SAMS’ Professor Mark Inall will welcome 80 delegates to Oban next week as he hosts his first annual meeting as director of the Scottish Alliance for Geoscience, Environment and Society (SAGES) research network.
Professor Inall is expected to tell delegates that SAGES should work closely with other public and private organisations in order to share knowledge in an ever-changing research environment.
SAGES pools world-leading expertise in geoscience and environmental science from across Scotland’s research base, creating a multi-disciplinary alliance at the forefront of earth and environmental research.
The partnership includes the universities of Aberdeen, Abertay, Dundee, Edinburgh, Glasgow, St Andrews, Stirling, SAMS UHI, SUERC, and the West of Scotland.
Professor Inall (pictured right), principal investigator in physical oceanography at SAMS, said: “The two pillars of research and education are absolutely key to the organisation.
“However, there is room for growth within SAGES and I am keen to strengthen the third pillar of the organisation: the sharing of knowledge with other public, private, governmental and regulatory bodies.”
Key topics being discussed during the two-day event starting on Monday, August 22 include terrestrial carbon; oceans and climate; the research funding landscape; and innovation.
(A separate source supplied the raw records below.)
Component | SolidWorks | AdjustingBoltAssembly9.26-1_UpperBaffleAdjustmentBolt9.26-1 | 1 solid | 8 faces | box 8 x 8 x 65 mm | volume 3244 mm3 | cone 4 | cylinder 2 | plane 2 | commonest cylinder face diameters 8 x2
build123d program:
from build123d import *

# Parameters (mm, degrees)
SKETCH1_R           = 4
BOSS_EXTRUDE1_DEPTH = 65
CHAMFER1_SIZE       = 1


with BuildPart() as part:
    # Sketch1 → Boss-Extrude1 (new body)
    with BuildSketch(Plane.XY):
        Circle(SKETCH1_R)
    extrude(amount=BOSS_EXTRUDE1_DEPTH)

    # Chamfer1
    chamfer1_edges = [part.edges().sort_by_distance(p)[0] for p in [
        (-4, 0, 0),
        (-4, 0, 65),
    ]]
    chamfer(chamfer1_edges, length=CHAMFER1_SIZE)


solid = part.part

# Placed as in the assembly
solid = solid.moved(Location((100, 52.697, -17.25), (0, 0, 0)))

Another SAMS researcher, Dr John Howe, who was recently appointed head of the SAGES Graduate School, will chair a session on recent research highlights and future plans for the school.
Dr Howe (pictured left), senior lecturer in marine geology, said: “I am looking forward to meeting the delegates and getting their views on my plans for the SAGES Graduate School.
“It is also very pleasing to host the event at SAMS this year and that two of the institute’s number are in the positions of director and head of the graduate school.
“SAMS is an outward-facing organisation that has always encouraged partnership development and the sharing of knowledge for a wider benefit. I am hopeful that this meeting will help SAGES take great strides in that regard.”
Other research talks will be given by: Dr Marie Porter, SAMS - Glider observations of enhanced deep water upwelling at a shelf break canyon; Dr Daniel Gilmour, Abertay; Dr Christian Schroeder, Stirling – ‘The Biogeochemical iron cycle – towards a more mineralogical view’; Dr Larissa Naylor, Glasgow – ‘Applying biogeomorphology science through the Green Infrastructure policy lens’; Prof Rob Ellam, SUERC; Lizzie Dingle (University of Edinburgh) - ‘Where does all the gravel go? Abrasion-set limits on Himalayan bedload flux’; Neil Fraser (SAMS) - ‘Circulation in Isfjorden using Slocum gliders’; Charlotte Slaymark (University of Glasgow) - ‘Biomarkers in 2 parts: The taphonomy of lipid biomarkers and temperature proxies for the glacial-interglacial transition in the UK’; Damon Davies (University of Edinburgh) - ‘Constraints on ice-marginal processes from sub-ice-shelf AUV surveys: the Pine Island Glacier System, Antarctica’.